Staying cautious while searching for new GEMs is the main rule of the crypto market and the recent popularisation of vampire attacks has proved that once again. 🧛
What is a vampire attack?
“Vampire attack” is a blockchain project’s user attraction strategy, relying on a more popular competitor. The app’s creators present a product with similar features, but better token rewards.
How does that work?
A typical vampire attack has three stages:
- Finding the ancestor project. 🔎
- Creating an analogue by stealing the business model, architecture or the code. 👾
- Making excessive economic incentives the main selling point. 👎
Consequences
The result is usually "sucking"users and their capital from the victim - some popular protocol.
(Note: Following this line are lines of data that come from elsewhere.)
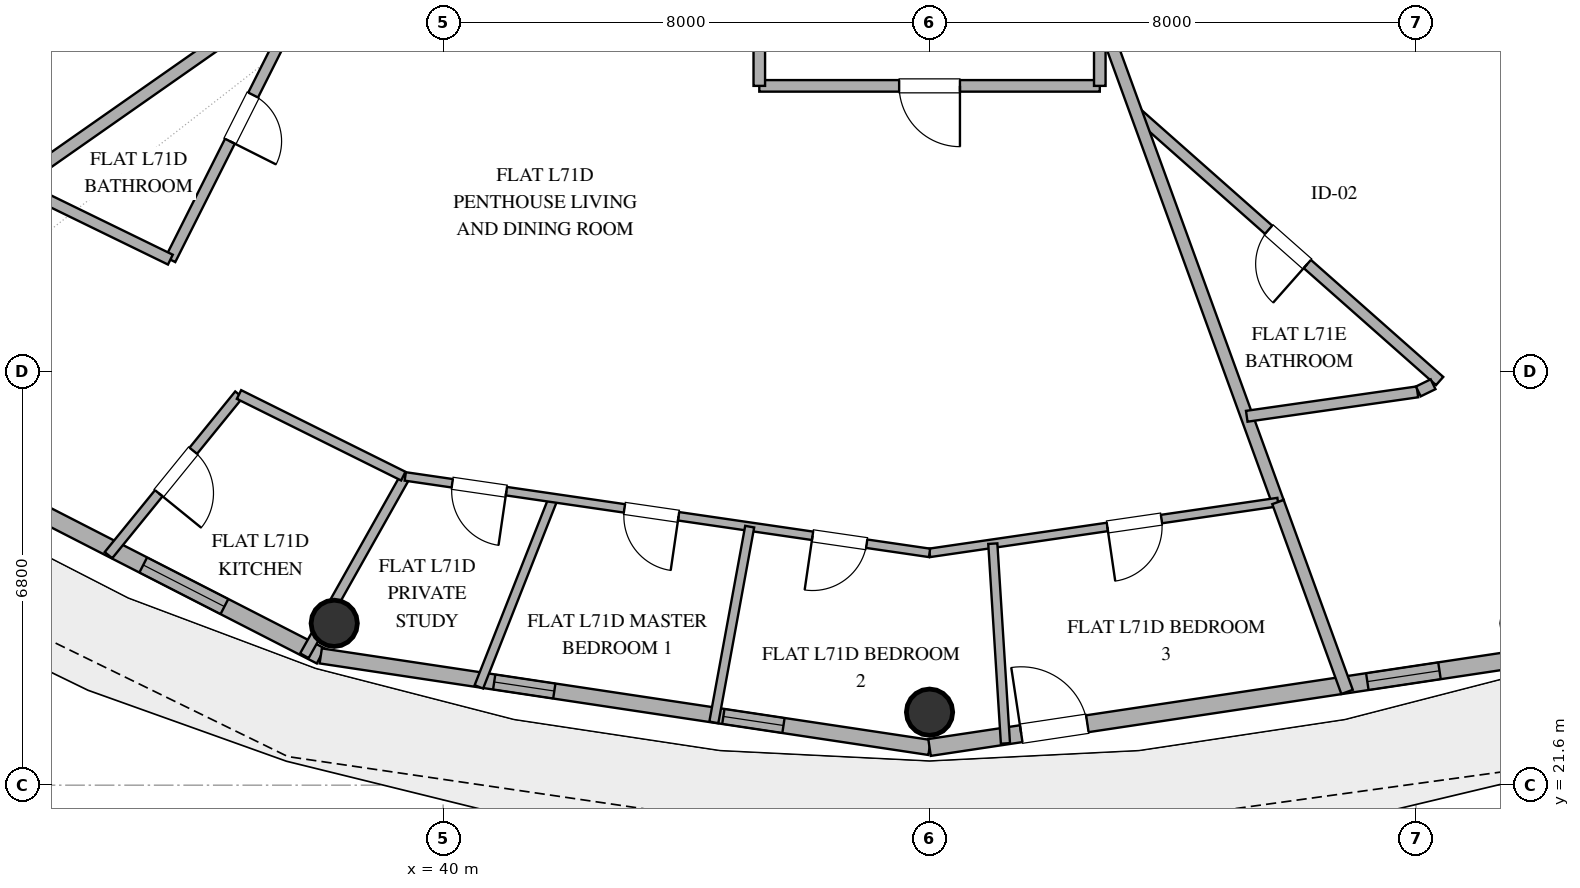
"""IFC4 building model, lengths in metres.
Left out: names, types, materials, properties, quantities, classifications, styles, units other than length and angle.
Written with IfcOpenShell. Run it as: python <this file> out.ifc"""

import sys

from ifc_helpers import new_model, si_unit, direction, frame, frame_2d, origin, origin_2d, place, context, subcontext, project, spatial, rectangle, hollow_circle, extrude, element, fill, save


model = new_model("IFC4")
c1 = context("Model", 3, precision=1e-05, world=origin(), true_north=direction((0.0, 1.0)))
c2 = subcontext(c1, "Body", "Model", "MODEL_VIEW")
j1 = project(units=[si_unit("LENGTHUNIT", "METRE"), si_unit("PLANEANGLEUNIT", "RADIAN")], contexts=[c1])
p1 = place(None, origin())
s1 = spatial("IfcSite", under=j1, at=p1, CompositionType="ELEMENT")
p2 = place(p1, origin())
s2 = spatial("IfcBuilding", under=s1, at=p2, CompositionType="ELEMENT")
p3 = place(p2, frame((0.0, 0.0, 276.6)))
s3 = spatial("IfcBuildingStorey", under=s2, at=p3, CompositionType="ELEMENT", Elevation=276.6)
for number, where, z_axis, x_axis in (
    (1, (38.209, 24.261, 0.0), (0.0, 0.0, 1.0), (1.0, 0.0, 0.0)),
    (2, (48.0, 22.8, 0.0), (0.0, 0.0, 1.0), (1.0, 0.0, 0.0)),
):
    element("IfcColumn", number, at=place(p3, frame(where, z_axis=z_axis, x_axis=x_axis)), inside=s3, PredefinedType="COLUMN", context=c2, shape_type="SweptSolid", body=[
        extrude(hollow_circle(Radius=0.381, WallThickness=0.025, at=origin_2d()), origin(), (0.0, 0.0, 1.0), 3.37),
    ])
p4 = place(p3, frame((29.617, 28.013, 0.0), z_axis=(0.0, 0.0, 1.0), x_axis=(0.890007394051, -0.455946091699, 0.0)))
e3 = element("IfcWall", 3, at=p4, inside=s3, PredefinedType="SOLIDWALL", context=c2, shape_type="SweptSolid", body=[
    extrude(rectangle(XDim=9.404, YDim=0.28, at=frame_2d((4.702, 0.0))), origin(), (0.0, 0.0, 1.0), 3.37),
])
p5 = place(p4, frame((2.609, 0.0, 0.85)))
e4 = element("IfcOpeningElement", 4, at=p5, cuts=e3, PredefinedType="OPENING", context=c2, shape_type="SweptSolid", body=[
    extrude(rectangle(XDim=1.65, YDim=2.0, at=frame_2d((0.825, 1.0))), frame((0.0, 0.15, 0.0), z_axis=(0.0, -1.0, 0.0), x_axis=(1.0, 0.0, 0.0)), (0.0, 0.0, 1.0), 0.3),
])
p6 = place(p4, frame((6.125, 0.0, 0.85)))
e5 = element("IfcOpeningElement", 5, at=p6, cuts=e3, PredefinedType="OPENING", context=c2, shape_type="SweptSolid", body=[
    extrude(rectangle(XDim=1.5, YDim=2.0, at=frame_2d((0.75, 1.0))), frame((0.0, 0.15, 0.0), z_axis=(0.0, -1.0, 0.0), x_axis=(1.0, 0.0, 0.0)), (0.0, 0.0, 1.0), 0.3),
])
p7 = place(p3, frame((37.987, 23.726, 0.0), z_axis=(0.0, 0.0, 1.0), x_axis=(0.988882522213, -0.148698881169, 0.0)))
e6 = element("IfcWall", 6, at=p7, inside=s3, PredefinedType="SOLIDWALL", context=c2, shape_type="SweptSolid", body=[
    extrude(rectangle(XDim=10.125, YDim=0.25, at=frame_2d((5.062, 0.0))), origin(), (0.0, 0.0, 1.0), 3.37),
])
p8 = place(p7, frame((2.885, 0.0, 0.35)))
e7 = element("IfcOpeningElement", 7, at=p8, cuts=e6, PredefinedType="OPENING", context=c2, shape_type="SweptSolid", body=[
    extrude(rectangle(XDim=1.0, YDim=1.05, at=frame_2d((0.5, 0.525))), frame((0.0, 0.135, 0.0), z_axis=(0.0, -1.0, 0.0), x_axis=(1.0, 0.0, 0.0)), (0.0, 0.0, 1.0), 0.27),
])
p9 = place(p7, frame((6.696, 0.0, 1.42)))
e8 = element("IfcOpeningElement", 8, at=p9, cuts=e6, PredefinedType="OPENING", context=c2, shape_type="SweptSolid", body=[
    extrude(rectangle(XDim=1.0, YDim=1.05, at=frame_2d((0.5, 0.525))), frame((0.0, 0.135, 0.0), z_axis=(0.0, -1.0, 0.0), x_axis=(1.0, 0.0, 0.0)), (0.0, 0.0, 1.0), 0.27),
])
p10 = place(p3, frame((48.0, 22.22, 0.0), z_axis=(0.0, 0.0, 1.0), x_axis=(0.988882522213, 0.148698881169, 0.0)))
e9 = element("IfcWall", 9, at=p10, inside=s3, PredefinedType="SOLIDWALL", context=c2, shape_type="SweptSolid", body=[
    extrude(rectangle(XDim=10.125, YDim=0.28, at=frame_2d((5.062, 0.0))), origin(), (0.0, 0.0, 1.0), 3.37),
])
p11 = place(p10, frame((1.524, 0.0, 0.0)))
e10 = element("IfcOpeningElement", 10, at=p11, cuts=e9, PredefinedType="OPENING", context=c2, shape_type="SweptSolid", body=[
    extrude(rectangle(XDim=1.1, YDim=2.25, at=frame_2d((0.55, 1.125))), frame((0.0, 0.15, 0.0), z_axis=(0.0, -1.0, 0.0), x_axis=(1.0, 0.0, 0.0)), (0.0, 0.0, 1.0), 0.3),
])
p12 = place(p10, frame((7.281, 0.0, 0.85)))
e11 = element("IfcOpeningElement", 11, at=p12, cuts=e9, PredefinedType="OPENING", context=c2, shape_type="SweptSolid", body=[
    extrude(rectangle(XDim=1.2, YDim=1.8, at=frame_2d((0.6, 0.9))), frame((0.0, 0.15, 0.0), z_axis=(0.0, -1.0, 0.0), x_axis=(1.0, 0.0, 0.0)), (0.0, 0.0, 1.0), 0.3),
])
p13 = place(p3, frame((56.389, 28.246, 0.0), z_axis=(0.0, 0.0, 1.0), x_axis=(-0.749087509224, 0.662471058632, 0.0)))
e12 = element("IfcWall", 12, at=p13, inside=s3, PredefinedType="PLUMBINGWALL", context=c2, shape_type="SweptSolid", body=[
    extrude(rectangle(XDim=6.66, YDim=0.18, at=frame_2d((3.33, 0.0))), origin(), (0.0, 0.0, 1.0), 2.73),
])
p14 = place(p13, frame((2.905, 0.0, 0.0)))
e13 = element("IfcOpeningElement", 13, at=p14, cuts=e12, PredefinedType="OPENING", context=c2, shape_type="SweptSolid", body=[
    extrude(rectangle(XDim=0.85, YDim=2.1, at=frame_2d((0.425, 1.05))), frame((0.0, 0.1, 0.0), z_axis=(0.0, -1.0, 0.0), x_axis=(1.0, 0.0, 0.0)), (0.0, 0.0, 1.0), 0.2),
])
p15 = place(p3, frame((50.8, 33.1, 0.0), z_axis=(0.0, 0.0, 1.0), x_axis=(-1.0, 0.0, 0.0)))
e14 = element("IfcWall", 14, at=p15, inside=s3, PredefinedType="PARTITIONING", context=c2, shape_type="SweptSolid", body=[
    extrude(rectangle(XDim=5.6, YDim=0.19, at=frame_2d((2.8, 0.0))), origin(), (0.0, 0.0, 1.0), 2.73),
])
p16 = place(p15, frame((2.3, 0.0, 0.0)))
e15 = element("IfcOpeningElement", 15, at=p16, cuts=e14, PredefinedType="OPENING", context=c2, shape_type="SweptSolid", body=[
    extrude(rectangle(XDim=1.0, YDim=2.2, at=frame_2d((0.5, 1.1))), frame((0.0, 0.105, 0.0), z_axis=(0.0, -1.0, 0.0), x_axis=(1.0, 0.0, 0.0)), (0.0, 0.0, 1.0), 0.21),
])
p17 = place(p3, frame((50.8, 34.307, 0.0), z_axis=(0.0, 0.0, 1.0), x_axis=(0.342010724278, -0.939696048985, 0.0)))
e16 = element("IfcWall", 16, at=p17, inside=s3, PredefinedType="PARTITIONING", context=c2, shape_type="SweptSolid", body=[
    extrude(rectangle(XDim=8.568, YDim=0.2, at=frame_2d((4.284, 0.0))), origin(), (0.0, 0.0, 1.0), 2.73),
])
p18 = place(p3, frame((37.855, 34.896, 0.0), z_axis=(0.0, 0.0, 1.0), x_axis=(-0.449274589412, -0.893393722447, 0.0)))
e17 = element("IfcWall", 17, at=p18, inside=s3, PredefinedType="PLUMBINGWALL", context=c2, shape_type="SweptSolid", body=[
    extrude(rectangle(XDim=5.209, YDim=0.18, at=frame_2d((2.604, 0.0))), origin(), (0.0, 0.0, 1.0), 2.73),
])
p19 = place(p18, frame((2.18, 0.0, 0.0)))
e18 = element("IfcOpeningElement", 18, at=p19, cuts=e17, PredefinedType="OPENING", context=c2, shape_type="SweptSolid", body=[
    extrude(rectangle(XDim=0.85, YDim=2.1, at=frame_2d((0.425, 1.05))), frame((0.0, 0.1, 0.0), z_axis=(0.0, -1.0, 0.0), x_axis=(1.0, 0.0, 0.0)), (0.0, 0.0, 1.0), 0.2),
])
p20 = place(p3, frame((36.575, 34.0, 0.0), z_axis=(0.0, 0.0, 1.0), x_axis=(-0.819138444565, -0.57359585828, 0.0)))
e19 = element("IfcWall", 19, at=p20, inside=s3, PredefinedType="PARTITIONING", context=c2, shape_type="SweptSolid", body=[
    extrude(rectangle(XDim=9.326, YDim=0.2, at=frame_2d((4.663, 0.0))), origin(), (0.0, 0.0, 1.0), 2.73),
])
p21 = place(p3, frame((53.73, 26.256, 0.0), z_axis=(0.0, 0.0, 1.0), x_axis=(-0.989539000253, -0.144265612597, 0.0)))
e20 = element("IfcWall", 20, at=p21, inside=s3, PredefinedType="PARTITIONING", context=c2, shape_type="SweptSolid", body=[
    extrude(rectangle(XDim=5.791, YDim=0.14, at=frame_2d((2.896, 0.0))), origin(), (0.0, 0.0, 1.0), 2.73),
])
p22 = place(p21, frame((1.936, 0.0, 0.0)))
e21 = element("IfcOpeningElement", 21, at=p22, cuts=e20, PredefinedType="OPENING", context=c2, shape_type="SweptSolid", body=[
    extrude(rectangle(XDim=0.9, YDim=2.1, at=frame_2d((0.45, 1.05))), frame((0.0, 0.08, 0.0), z_axis=(0.0, -1.0, 0.0), x_axis=(1.0, 0.0, 0.0)), (0.0, 0.0, 1.0), 0.16),
])
p23 = place(p3, frame((36.643, 28.024, 0.0), z_axis=(0.0, 0.0, 1.0), x_axis=(-0.630641219738, -0.776074514442, 0.0)))
e22 = element("IfcWall", 22, at=p23, inside=s3, PredefinedType="PLUMBINGWALL", context=c2, shape_type="SweptSolid", body=[
    extrude(rectangle(XDim=3.405, YDim=0.16, at=frame_2d((1.702, 0.0))), origin(), (0.0, 0.0, 1.0), 2.73),
])
p24 = place(p23, frame((1.192, 0.0, 0.0)))
e23 = element("IfcOpeningElement", 23, at=p24, cuts=e22, PredefinedType="OPENING", context=c2, shape_type="SweptSolid", body=[
    extrude(rectangle(XDim=0.9, YDim=2.1, at=frame_2d((0.45, 1.05))), frame((0.0, 0.09, 0.0), z_axis=(0.0, -1.0, 0.0), x_axis=(1.0, 0.0, 0.0)), (0.0, 0.0, 1.0), 0.18),
])
p25 = place(p3, frame((37.719, 23.729, 0.0), z_axis=(0.0, 0.0, 1.0), x_axis=(0.490408553136, 0.871492656889, 0.0)))
e24 = element("IfcWall", 24, at=p25, inside=s3, PredefinedType="PLUMBINGWALL", context=c2, shape_type="SweptSolid", body=[
    extrude(rectangle(XDim=3.383, YDim=0.16, at=frame_2d((1.692, 0.0))), origin(), (0.0, 0.0, 1.0), 2.73),
])
p26 = place(p3, frame((41.813, 26.322, 0.0), z_axis=(0.0, 0.0, 1.0), x_axis=(-0.366986730156, -0.930226176738, 0.0)))
e25 = element("IfcWall", 25, at=p26, inside=s3, PredefinedType="PARTITIONING", context=c2, shape_type="SweptSolid", body=[
    extrude(rectangle(XDim=3.339, YDim=0.15, at=frame_2d((1.669, 0.0))), origin(), (0.0, 0.0, 1.0), 2.73),
])
p27 = place(p3, frame((48.0, 25.42, 0.0), z_axis=(0.0, 0.0, 1.0), x_axis=(-0.989534564718, 0.144296033307, 0.0)))
e26 = element("IfcWall", 26, at=p27, inside=s3, PredefinedType="PARTITIONING", context=c2, shape_type="SweptSolid", body=[
    extrude(rectangle(XDim=8.714, YDim=0.14, at=frame_2d((4.357, 0.0))), origin(), (0.0, 0.0, 1.0), 2.73),
])
p28 = place(p27, frame((4.171, 0.0, 0.0)))
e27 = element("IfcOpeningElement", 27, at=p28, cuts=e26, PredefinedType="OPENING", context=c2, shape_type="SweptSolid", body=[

Vampire attack strategy originated in the decentralized finance (DeFi) space. The source code of DeFi applications or at least its base, is usually open source. Thus, a similar application is quite easy to recreate and launch with only minor changes. 😡
In addition, copycat developers can issue their own governance tokens and use those to inflate the profitability of liquidity farming, which is a standard way for users to earn money. 👨🌾
The biggest cases
Even though the attack doesn’t sound too malicious, a player like Uniswap got affected. 🦄
Uniswap?
In 2020, the Uniswap DEX started rapidly gaining popularity. By the beginning of September 2020, daily trading volume of the protocol reached a point of $1.8 billion, showing great competition to the leading centralized crypto-trading platforms. 📈
Against this background, a project called SushiSwap appeared. The anonymous creators weren’t even trying to the fact that the new protocol was a Uniswap fork. However, SushiSwap had a major difference - its own SUSHI token, received as a reward for pool farming. 🍣
Nowadays, almost every decentralized exchange has a governance token, but that wasn’t a common practice by the time. ⏳
The SushiSwap team was offering attractive conditions for liquidity providers: due to users being rewarded in SUSHI, participating in the exchange pools brought hundreds and even thousands percent of annual profit. As a result of that vampire attack, Uniswap users transferred more than a billion worth of funds to SushiSwap in just a couple of weeks, reducing the amount of blocked liquidity (TVL) in the original Uniswap dApp by 70%. 🤦♂️
However, the situation didn’t last for too long - high farming speeds of SUSHI led to a sharp inflation of the price. Consequently, the profitability of SushiSwap pools had quickly decreased too. By mid-September, Uniswap had already returned to the DeFi leaders in terms of TVL. A little later, the UNI governance token was introduced, finally nullifying the advantage of SushiSwap. ✅
That situation, however, caused thousands to lose money, so when you see a profitable copy of a project you are familiar with, do your research first.